- How to better organize categories
- Use specialized products that can not be found anywhere else
- Use custom products/POD products
- Add detailed reviews, descriptions and videos to help your eCommerce store to stand out
Episode Transcript
Welcome to episode two of The Business of eCommerce Podcast. I’m your host, Charles Palleschi. In today’s show we’d like to cover a topic that we get very often. Usually folks starting off want to know how to add value to their customers. We find this very common in things like drop shipping. Different sorts of sites where they’re usually just starting off. Where they’re using a lot of products that are very similar to other folks. Maybe you work with one of the big vendors out there, big manufacturers, and you get their products and you’re not really sure how to actually differentiate yourself in the market. You want to be special. You want to do something a little different.
But it’s really tough sometimes when everybody’s selling the same products in the same places. What you don’t want to do, to get started there is, you don’t want to basically just take the products from a vendor and dump them on your site. Dump them on Amazon. Have the same descriptions right from the vendor. The vendors usually give very basic descriptions. They also give very basic images. Really no details. Their categories are very either simplistic, or relevant to them, not really relevant to your site.
For example, they would be very general, the categories. The manufacturer might be selling different product lines to different industries. But you, your site might be much more targeted to a certain type of people. Let’s say the vendor just sells outdoors products in general. You might be selling products specifically to folks that hunt deer outdoors. Something like that. Deer hunting. The categories you’ll get from the vendors aren’t very tailored to your specific audience. They’re just general, broad. We want to jump in with some ways we can actually make your site much more individual and stand out from the crowd, so that it’s not just taking products from vendors. Taking their images. Taking their titles. Taking their descriptions. Dumping it into Shopify. Dumping it onto Amazon, and just try to compete on price. Because I think we all kind of know by now, that’s not really the way to go. You’re not going to beat the big players like an Amazon price, so you have to add something else of value.
Just some general housekeeping before I get into that. This is episode two. Kind of the goal here is to have some information that’s more for experienced eCommerce retailers. Some things for folks just starting off, and kind of go back and forth. I’d like to cover in different episodes some different topics. Maybe this one’s right for you. Maybe you’re beyond this. It really depends on where you’re at, but we’re hoping to kind of do both with this, and see what people like. It might be kind of choose your own adventure on some episodes are right for you. Others, honestly you might just skip over. Because maybe you’ve already seen this. It really is just up to you, but we’re hoping to add value to a lot of different people in different places in getting started.
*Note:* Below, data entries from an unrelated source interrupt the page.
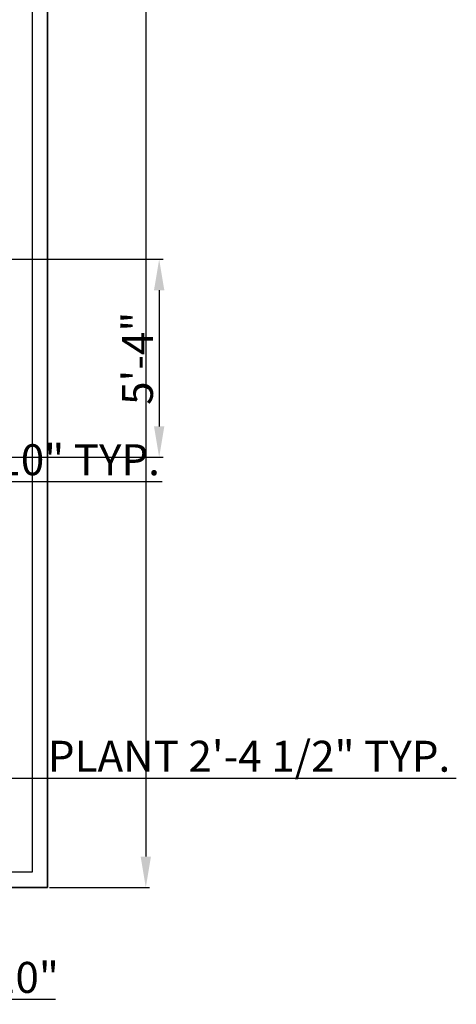
# Model space of a CAD drawing. Units: inches. Extents: x 2206 to 2843, y 1750 to 2489.
# Tile 4 of 8: x 2702 to 2843, y 1757 to 2075. Entities that reach past the tile are written whole.
import ezdxf

# ---------------------------------------------------------------- set-up
doc = ezdxf.new("R2010")
doc.units = ezdxf.units.IN
for name, color, linetype, lineweight in [('A-ANNO-DIMS', 2, 'Continuous', 18), ('C-PROP', 7, 'Continuous', 35), ('L-SITE-WALL', 8, 'Continuous', 25)]:
    doc.layers.add(name, color=color, linetype=linetype, lineweight=lineweight)
doc.styles.get("Standard").update_dxf_attribs({"font": 'arial.ttf'})
doc.dimstyles.new('ISO-25', dxfattribs={"dimtxt": 10, "dimasz": 10, "dimexe": 1.25, "dimexo": 0.625, "dimtad": 1, "dimdec": 1, "dimlunit": 3, "dimtxsty": 'Standard', "dimcen": 2.5, "dimadec": 0, "dimazin": 0, "dimtfac": 1, "dimtdec": 1, "dimtmove": 0, "dimatfit": 3, "dimfxl": 1, "dimarcsym": 0})

# ---------------------------------------------------------------- blocks, each defined once
blk = doc.blocks.new('*D15')
at = {"layer": 'A-ANNO-DIMS', "color": 0, "lineweight": -2, "transparency": 16777216}
for p, q in [((2711.2, 2394.9), (2743.56, 2394.9)), ((2742.31, 2384.9), (2742.31, 1804.9)), ((2711.2, 1794.9), (2743.56, 1794.9))]:
    blk.add_line(p, q, dxfattribs=at)
at = {"layer": 'A-ANNO-DIMS', "color": 0, "transparency": 16777216}
for points in [[(2740.65, 2384.9), (2743.98, 2384.9), (2742.31, 2394.9)], [(2740.65, 1804.9), (2743.98, 1804.9), (2742.31, 1794.9)]]:
    blk.add_solid(points, dxfattribs=at)
at = {"layer": 'Defpoints', "color": 0, "transparency": 16777216}
for p in [(2710.58, 2394.9), (2710.58, 1794.9), (2742.31, 1794.9)]:
    blk.add_point(p, dxfattribs=at)
at = {"layer": 'A-ANNO-DIMS', "color": 0, "transparency": 16777216, "insert": (2736.58, 2094.9), "char_height": 10, "attachment_point": 5, "rotation": 90}
blk.add_mtext("50'", dxfattribs=at)
blk = doc.blocks.new('*D27')
at = {"layer": 'A-ANNO-DIMS', "color": 0, "lineweight": -2, "transparency": 16777216}
for p, q in [((2670.31, 1826.6), (2670.31, 1831.49)), ((2680.31, 1830.24), (2688.72, 1830.24)), ((2698.72, 1826.6), (2698.72, 1831.49)), ((2698.72, 1830.24), (2842.63, 1830.24))]:
    blk.add_line(p, q, dxfattribs=at)
at = {"layer": 'A-ANNO-DIMS', "color": 0, "transparency": 16777216}
for points in [[(2680.31, 1831.91), (2680.31, 1828.57), (2670.31, 1830.24)], [(2688.72, 1831.91), (2688.72, 1828.57), (2698.72, 1830.24)]]:
    blk.add_solid(points, dxfattribs=at)
at = {"layer": 'Defpoints', "color": 0, "transparency": 16777216}
for p in [(2698.72, 1830.24), (2670.31, 1825.98), (2698.72, 1825.98)]:
    blk.add_point(p, dxfattribs=at)
at = {"layer": 'A-ANNO-DIMS', "color": 0, "transparency": 16777216, "insert": (2775.67, 1836.03), "char_height": 10, "attachment_point": 5}
blk.add_mtext('PLANT 2\'-4 1/2" TYP.', dxfattribs=at)
blk = doc.blocks.new('*D40')
at = {"layer": 'A-ANNO-DIMS', "color": 0, "lineweight": -2, "transparency": 16777216}
for p, q in [((2637.58, 1926.1), (2627.58, 1926.1)), ((2647.58, 1919.52), (2647.58, 1927.35)), ((2647.58, 1926.1), (2657.58, 1926.1)), ((2657.58, 1919.52), (2657.58, 1927.35)), ((2667.58, 1926.1), (2747.55, 1926.1))]:
    blk.add_line(p, q, dxfattribs=at)
at = {"layer": 'A-ANNO-DIMS', "color": 0, "transparency": 16777216}
for points in [[(2637.58, 1927.77), (2637.58, 1924.43), (2647.58, 1926.1)], [(2667.58, 1927.77), (2667.58, 1924.43), (2657.58, 1926.1)]]:
    blk.add_solid(points, dxfattribs=at)
at = {"layer": 'Defpoints', "color": 0, "transparency": 16777216}
for p in [(2657.58, 1926.1), (2647.58, 1918.9), (2657.58, 1918.9)]:
    blk.add_point(p, dxfattribs=at)
at = {"layer": 'A-ANNO-DIMS', "color": 0, "transparency": 16777216, "insert": (2712.57, 1931.83), "char_height": 10, "attachment_point": 5}
blk.add_mtext('0\'-10" TYP.', dxfattribs=at)
blk = doc.blocks.new('*D63')
at = {"layer": 'A-ANNO-DIMS', "color": 0, "lineweight": -2, "transparency": 16777216}
for p, q in [((2647.58, 2246.27), (2647.58, 1757.6)), ((2657.58, 2246.27), (2657.58, 1757.6)), ((2637.58, 1758.85), (2627.58, 1758.85)), ((2647.58, 1758.85), (2657.58, 1758.85)), ((2667.58, 1758.85), (2713.18, 1758.85))]:
    blk.add_line(p, q, dxfattribs=at)
at = {"layer": 'A-ANNO-DIMS', "color": 0, "transparency": 16777216}
for points in [[(2637.58, 1760.52), (2637.58, 1757.18), (2647.58, 1758.85)], [(2667.58, 1760.52), (2667.58, 1757.18), (2657.58, 1758.85)]]:
    blk.add_solid(points, dxfattribs=at)
at = {"layer": 'Defpoints', "color": 0, "transparency": 16777216}
for p in [(2647.58, 2246.9), (2657.58, 2246.9), (2657.58, 1758.85)]:
    blk.add_point(p, dxfattribs=at)
at = {"layer": 'A-ANNO-DIMS', "color": 0, "transparency": 16777216, "insert": (2695.38, 1764.58), "char_height": 10, "attachment_point": 5}
blk.add_mtext('0\'-10"', dxfattribs=at)
blk = doc.blocks.new('*D69')
at = {"layer": 'A-ANNO-DIMS', "color": 0, "lineweight": -2, "transparency": 16777216}
for p, q in [((2658.2, 1997.9), (2747.88, 1997.9)), ((2746.63, 1987.9), (2746.63, 1943.9)), ((2648.2, 1933.9), (2747.88, 1933.9))]:
    blk.add_line(p, q, dxfattribs=at)
at = {"layer": 'A-ANNO-DIMS', "color": 0, "transparency": 16777216}
for points in [[(2744.96, 1987.9), (2748.3, 1987.9), (2746.63, 1997.9)], [(2744.96, 1943.9), (2748.3, 1943.9), (2746.63, 1933.9)]]:
    blk.add_solid(points, dxfattribs=at)
at = {"layer": 'Defpoints', "color": 0, "transparency": 16777216}
for p in [(2657.58, 1997.9), (2647.58, 1933.9), (2746.63, 1933.9)]:
    blk.add_point(p, dxfattribs=at)
at = {"layer": 'A-ANNO-DIMS', "color": 0, "transparency": 16777216, "insert": (2740.92, 1965.9), "char_height": 10, "attachment_point": 5, "rotation": 90}
blk.add_mtext('5\'-4"', dxfattribs=at)

msp = doc.modelspace()

# ---------------------------------------------------------------- linework, layer by layer
at = {"layer": 'C-PROP'}
for p, q in [((2710.58, 2394.9), (2710.58, 1794.9)), ((2710.58, 1794.9), (2254.58, 1794.9))]:
    msp.add_line(p, q, dxfattribs=at)
at = {"layer": 'L-SITE-WALL'}
for p, q in [((2705.58, 2290.9), (2705.58, 1799.9)), ((2705.58, 1799.9), (2259.58, 1799.9))]:
    msp.add_line(p, q, dxfattribs=at)

# ---------------------------------------------------------------- dimensions: what is measured, and where the dimension line sits
at = {"layer": 'A-ANNO-DIMS'}
for base, p1, p2, override, picture, middle in [((2742.31, 1794.9), (2710.58, 2394.9), (2710.58, 1794.9), {"dimclrd": 0, "dimclre": 0, "dimclrt": 0}, '*D15', (2736.58, 2094.9)), ((2746.63, 1933.9), (2657.58, 1997.9), (2647.58, 1933.9), {"dimdec": 1, "dimlfac": 1, "dimrnd": 0, "dimzin": 1, "dimdsep": 46, "dimlunit": 4, "dimfrac": 2}, '*D69', (2740.92, 1965.9))]:
    dim = msp.add_linear_dim(base=base, p1=p1, p2=p2, angle=90, dimstyle='ISO-25', override=override, dxfattribs=at)
    dim.commit()
    dim.dimension.update_dxf_attribs({"geometry": picture, "text_midpoint": middle})
dim = msp.add_linear_dim(base=(2657.58, 1758.85), p1=(2647.58, 2246.9), p2=(2657.58, 2246.9), dimstyle='ISO-25', override={"dimdec": 1, "dimlfac": 1, "dimrnd": 0, "dimzin": 1, "dimdsep": 46, "dimlunit": 4, "dimfrac": 2}, dxfattribs=at)
dim.commit()
dim.dimension.update_dxf_attribs({"geometry": '*D63', "text_midpoint": (2695.38, 1764.58)})
for base, p1, p2, text, picture, middle in [((2657.58, 1926.1), (2647.58, 1918.9), (2657.58, 1918.9), '<> TYP.', '*D40', (2712.57, 1931.83)), ((2698.72, 1830.24), (2670.31, 1825.98), (2698.72, 1825.98), 'PLANT <> TYP.', '*D27', (2775.67, 1836.03))]:
    dim = msp.add_linear_dim(base=base, p1=p1, p2=p2, text=text, dimstyle='ISO-25', override={"dimdec": 1, "dimlfac": 1, "dimrnd": 0, "dimzin": 1, "dimdsep": 46, "dimlunit": 4, "dimfrac": 2}, dxfattribs=at)
    dim.commit()
    dim.dimension.update_dxf_attribs({"geometry": picture, "text_midpoint": middle})

doc.saveas('drawing.dxf')

I’ve outlined four different general categories here of how to add value to different eCommerce retailers. To get started, and I was kind of implying this, is the categories topic. Over here, let’s see. Kind of what I was implying is, when the vendor is setting categories, they might be relevant to them and their entire catalog of products. They might have 500,000 SKUs. They’re sending you all 500,000 SKUs. The categories might be outdoors. This. Sports. That. The other thing. But you’re just selling a very specific niche inside the outdoors category. Using their categories, they don’t really apply to you.
Where you can add value a lot is having a very very very specific for your type of user category breakdown. What are some examples of that? Actually a great example that’s a well known project. Another podcaster in the industry, Andrew Youderian from eCommerce Fuel, a lot of you probably know him. He did a post, you can look it up, I can link to it in the show notes, on building an eCommerce store from scratch. He built it very publicly. Built it up. Showed everyone what he did, and sold it. All this information’s out there. But that store was called trollingmotors.net. They sold trolling motors.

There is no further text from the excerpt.